The use of the geologic underground, either to extract natural resources (water, heat, gases, useful mineral substances, etc.) or to inject / store resources (water, heat, hydrogen) or undesirable com-pounds (industrial waters and brines, CO2, etc.) requires the knowledge and control of reactive transport processes in porous and fractured geological media in various scales of time and space.

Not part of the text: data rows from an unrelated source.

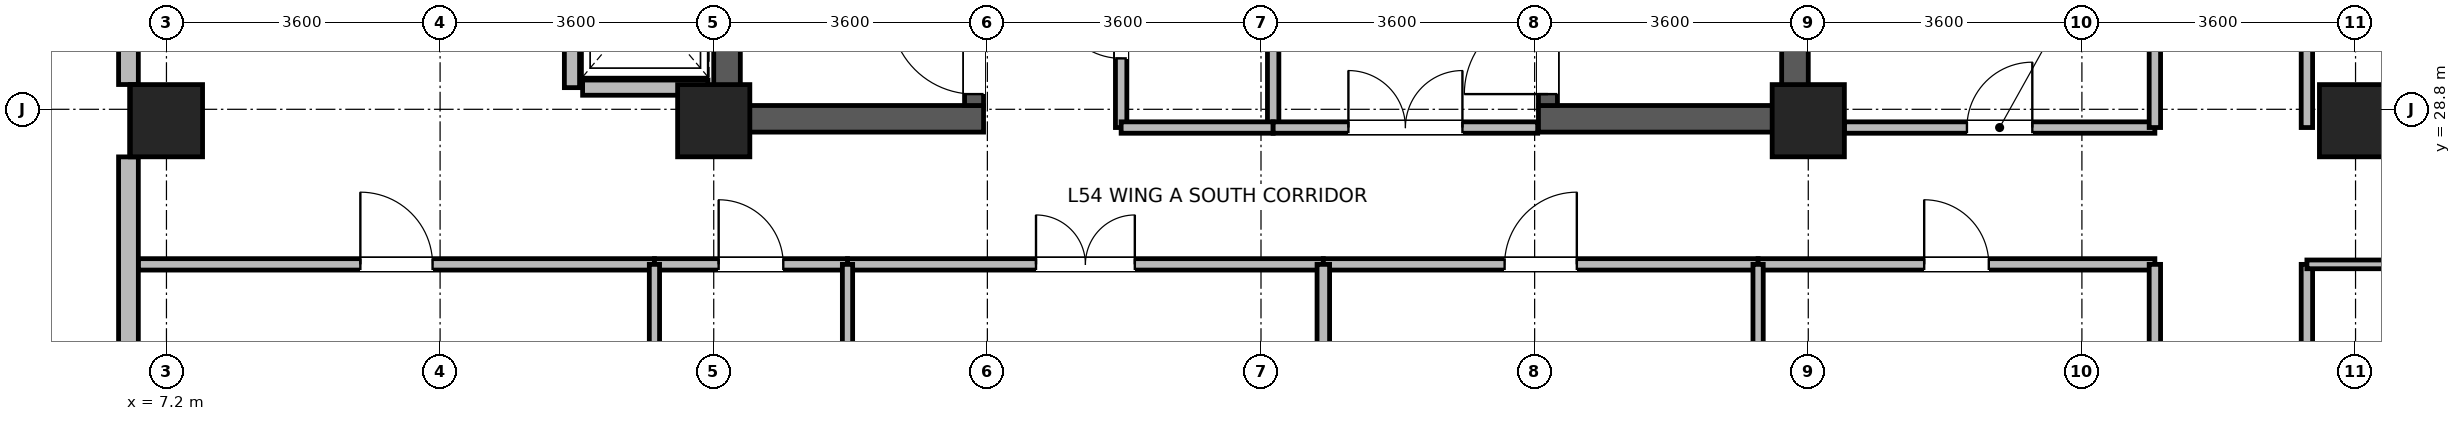
"""IFC4 building model, lengths in metres.
Left out: names, types, materials, properties, quantities, classifications, styles, units other than length and angle.
Written with IfcOpenShell. Run it as: python <this file> out.ifc"""

import sys

from ifc_helpers import new_model, si_unit, direction, frame, frame_2d, origin, origin_2d, place, context, subcontext, project, spatial, rectangle, extrude, source, transform, mapped, element, fill, save


model = new_model("IFC4")
c1 = context("Model", 3, precision=1e-05, world=origin(), true_north=direction((0.0, 1.0)))
c2 = subcontext(c1, "Body", "Model", "MODEL_VIEW")
j1 = project(units=[si_unit("LENGTHUNIT", "METRE"), si_unit("PLANEANGLEUNIT", "RADIAN")], contexts=[c1])
p1 = place(None, origin())
s1 = spatial("IfcSite", under=j1, at=p1, CompositionType="ELEMENT")
p2 = place(p1, origin())
s2 = spatial("IfcBuilding", under=s1, at=p2, CompositionType="ELEMENT")
p3 = place(p2, frame((0.0, 0.0, 212.9)))
s3 = spatial("IfcBuildingStorey", under=s2, at=p3, CompositionType="ELEMENT", Elevation=212.9)
for number, where, z_axis, x_axis in (
    (1, (14.575, 28.5, 0.0), (0.0, 0.0, 1.0), (0.0, 1.0, 0.0)),
    (2, (28.625, 28.5, 0.0), (0.0, 0.0, 1.0), (0.0, 1.0, 0.0)),
):
    element("IfcWall", number, at=place(p3, frame(where, z_axis=z_axis, x_axis=x_axis)), inside=s3, PredefinedType="SHEAR", context=c2, shape_type="SweptSolid", body=[
        extrude(rectangle(XDim=7.7, YDim=0.35, at=frame_2d((3.85, 0.0))), origin(), (0.0, 0.0, 1.0), 3.47),
    ])
for number, where, z_axis, x_axis in (
    (3, (14.75, 28.675, 0.0), (0.0, 0.0, 1.0), (1.0, 0.0, 0.0)),
    (4, (25.25, 28.675, 0.0), (0.0, 0.0, 1.0), (1.0, 0.0, 0.0)),
):
    element("IfcWall", number, at=place(p3, frame(where, z_axis=z_axis, x_axis=x_axis)), inside=s3, PredefinedType="SHEAR", context=c2, shape_type="SweptSolid", body=[
        extrude(rectangle(XDim=3.2, YDim=0.35, at=frame_2d((1.6, 0.0))), origin(), (0.0, 0.0, 1.0), 3.47),
    ])
p4 = place(p3, frame((17.825, 28.85, 0.0), z_axis=(0.0, 0.0, 1.0), x_axis=(0.0, 1.0, 0.0)))
e5 = element("IfcWall", 5, at=p4, inside=s3, PredefinedType="SHEAR", context=c2, shape_type="SweptSolid", body=[
    extrude(rectangle(XDim=7.0, YDim=0.25, at=frame_2d((3.5, 0.0))), origin(), (0.0, 0.0, 1.0), 3.47),
])
p5 = place(p4, frame((0.15, 0.0, 0.0)))
e6 = element("IfcOpeningElement", 6, at=p5, cuts=e5, PredefinedType="OPENING", context=c2, shape_type="SweptSolid", body=[
    extrude(rectangle(XDim=1.1, YDim=2.08, at=frame_2d((0.55, 1.04))), frame((0.0, 0.135, 0.0), z_axis=(0.0, -1.0, 0.0), x_axis=(1.0, 0.0, 0.0)), (0.0, 0.0, 1.0), 0.27),
])
p6 = place(p3, frame((25.375, 28.85, 0.0), z_axis=(0.0, 0.0, 1.0), x_axis=(0.0, 1.0, 0.0)))
e7 = element("IfcWall", 7, at=p6, inside=s3, PredefinedType="SHEAR", context=c2, shape_type="SweptSolid", body=[
    extrude(rectangle(XDim=7.0, YDim=0.25, at=frame_2d((3.5, 0.0))), origin(), (0.0, 0.0, 1.0), 3.47),
])
p7 = place(p6, frame((0.15, 0.0, 0.0)))
e8 = element("IfcOpeningElement", 8, at=p7, cuts=e7, PredefinedType="OPENING", context=c2, shape_type="SweptSolid", body=[
    extrude(rectangle(XDim=1.1, YDim=2.08, at=frame_2d((0.55, 1.04))), frame((0.0, 0.135, 0.0), z_axis=(0.0, -1.0, 0.0), x_axis=(1.0, 0.0, 0.0)), (0.0, 0.0, 1.0), 0.27),
])
m1 = source(origin(), c2, "Body", "SweptSolid", [
    extrude(rectangle(XDim=0.95, YDim=0.95, at=origin_2d()), origin(), (0.0, 0.0, 1.0), 3.7),
])
for number, where, z_axis, x_axis in (
    (9, (7.2, 28.65, 0.0), (0.0, 0.0, 1.0), (1.0, 0.0, 0.0)),
    (10, (14.4, 28.65, 0.0), (0.0, 0.0, 1.0), (1.0, 0.0, 0.0)),
    (11, (28.8, 28.65, 0.0), (0.0, 0.0, 1.0), (1.0, 0.0, 0.0)),
    (12, (36.0, 28.65, 0.0), (0.0, 0.0, 1.0), (1.0, 0.0, 0.0)),
):
    element("IfcColumn", number, at=place(p3, frame(where, z_axis=z_axis, x_axis=x_axis)), inside=s3, PredefinedType="COLUMN", context=c2, shape_type="MappedRepresentation", body=[
        mapped(m1, transform((0.0, 0.0, 0.0), x_axis=(1.0, 0.0, 0.0), y_axis=(0.0, 1.0, 0.0), z_axis=(0.0, 0.0, 1.0), scale=1.0)),
    ])
p8 = place(p3, frame((6.7, 29.126, 0.0), z_axis=(0.0, 0.0, 1.0), x_axis=(0.0, 1.0, 0.0)))
e13 = element("IfcWall", 13, at=p8, inside=s3, PredefinedType="STANDARD", context=c2, shape_type="SweptSolid", body=[
    extrude(rectangle(XDim=6.548, YDim=0.26, at=frame_2d((3.274, 0.0))), origin(), (0.0, 0.0, 1.0), 3.45),
])
p9 = place(p8, frame((0.737, 0.0, 0.85)))
e14 = element("IfcOpeningElement", 14, at=p9, cuts=e13, PredefinedType="OPENING", context=c2, shape_type="SweptSolid", body=[
    extrude(rectangle(XDim=1.8, YDim=1.85, at=frame_2d((0.9, 0.925))), frame((0.0, 0.14, 0.0), z_axis=(0.0, -1.0, 0.0), x_axis=(1.0, 0.0, 0.0)), (0.0, 0.0, 1.0), 0.28),
])
p10 = place(p8, frame((4.011, 0.0, 0.85)))
e15 = element("IfcOpeningElement", 15, at=p10, cuts=e13, PredefinedType="OPENING", context=c2, shape_type="SweptSolid", body=[
    extrude(rectangle(XDim=1.8, YDim=1.85, at=frame_2d((0.9, 0.925))), frame((0.0, 0.14, 0.0), z_axis=(0.0, -1.0, 0.0), x_axis=(1.0, 0.0, 0.0)), (0.0, 0.0, 1.0), 0.28),
])
p11 = place(p3, frame((6.7, 21.47, 0.0), z_axis=(0.0, 0.0, 1.0), x_axis=(0.0, 1.0, 0.0)))
e16 = element("IfcWall", 16, at=p11, inside=s3, PredefinedType="STANDARD", context=c2, shape_type="SweptSolid", body=[
    extrude(rectangle(XDim=6.704, YDim=0.26, at=frame_2d((3.352, 0.0))), origin(), (0.0, 0.0, 1.0), 3.45),
])
p12 = place(p11, frame((2.877, 0.0, 0.85)))
e17 = element("IfcOpeningElement", 17, at=p12, cuts=e16, PredefinedType="OPENING", context=c2, shape_type="SweptSolid", body=[
    extrude(rectangle(XDim=0.95, YDim=1.75, at=frame_2d((0.475, 0.875))), frame((0.0, 0.14, 0.0), z_axis=(0.0, -1.0, 0.0), x_axis=(1.0, 0.0, 0.0)), (0.0, 0.0, 1.0), 0.28),
])
p13 = place(p3, frame((12.675, 29.085, 0.0), z_axis=(0.0, 0.0, 1.0), x_axis=(1.0, 0.0, 0.0)))
e18 = element("IfcWall", 18, at=p13, inside=s3, PredefinedType="PARTITIONING", context=c2, shape_type="SweptSolid", body=[
    extrude(rectangle(XDim=1.65, YDim=0.2, at=frame_2d((0.825, 0.0))), origin(), (0.0, 0.0, 1.0), 3.45),
])
p14 = place(p3, frame((12.535, 29.085, 0.0), z_axis=(0.0, 0.0, 1.0), x_axis=(0.0, 1.0, 0.0)))
e19 = element("IfcWall", 19, at=p14, inside=s3, PredefinedType="PARTITIONING", context=c2, shape_type="SweptSolid", body=[
    extrude(rectangle(XDim=2.23, YDim=0.2, at=frame_2d((1.115, 0.0))), origin(), (0.0, 0.0, 1.0), 3.45),
])
p15 = place(p3, frame((35.36, 16.96, 0.0), z_axis=(0.0, 0.0, 1.0), x_axis=(0.0, 1.0, 0.0)))
e20 = element("IfcWall", 20, at=p15, inside=s3, PredefinedType="PARTITIONING", context=c2, shape_type="SweptSolid", body=[
    extrude(rectangle(XDim=9.8, YDim=0.15, at=frame_2d((4.9, 0.0))), origin(), (0.0, 0.0, 1.0), 3.45),
])
p16 = place(p15, frame((2.486, 0.0, 0.0)))
e21 = element("IfcOpeningElement", 21, at=p16, cuts=e20, PredefinedType="OPENING", context=c2, shape_type="SweptSolid", body=[
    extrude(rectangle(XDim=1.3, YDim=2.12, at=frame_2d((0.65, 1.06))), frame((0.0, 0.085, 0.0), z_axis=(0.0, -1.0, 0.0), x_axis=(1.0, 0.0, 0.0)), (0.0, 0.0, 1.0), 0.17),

Being able to investigate at lab scale the combined effects of thermodynamics, hydrodynamics, geo- and biochemical processes occurring in such deep geological environment is still challenging to address these topics. However, over the last fifteen years, new types of transparent high-pressure micro- and millifluidics reactors have been developed based on the idea of combining the advantages of micro-fluidics (size reduction, rapid screening, in situ analysis, reproducibility, control of hydrodynamics, low consumption of reagents during optimization phases, etc. ) with fluid systems under realiqstic reservoirs conditions (istudies of geofluid flows in model porous media, biology under extreme conditions, etc.). These tools allow to study more precisely the phenomena taking place at small scales and are complementary to the classical approaches using either macroscopic batch reactors or diamond anvil cells.

In this presentation, we will first detail the technologies available for the fabrication of high-pressure micro and millifluidics reactors, and then we will discuss their use in several applications related to the use of deep geological environments such as: (i) the geological storage of CO2 (fluid flows, carbonation processes, solubility measurements, etc.), (ii) the effect of deep underground microorganisms on gas storage (CO2, H2) along with possible biochemical reactions (in particular methanogenesis), (iii) the production of hydrogen from iron and iron-bearing minerals in subsurface conditions in link with CO2 storage and (iv) the use of microfluidic reactors to investigate clogging mechanisms in the case of geothermal energy recovery.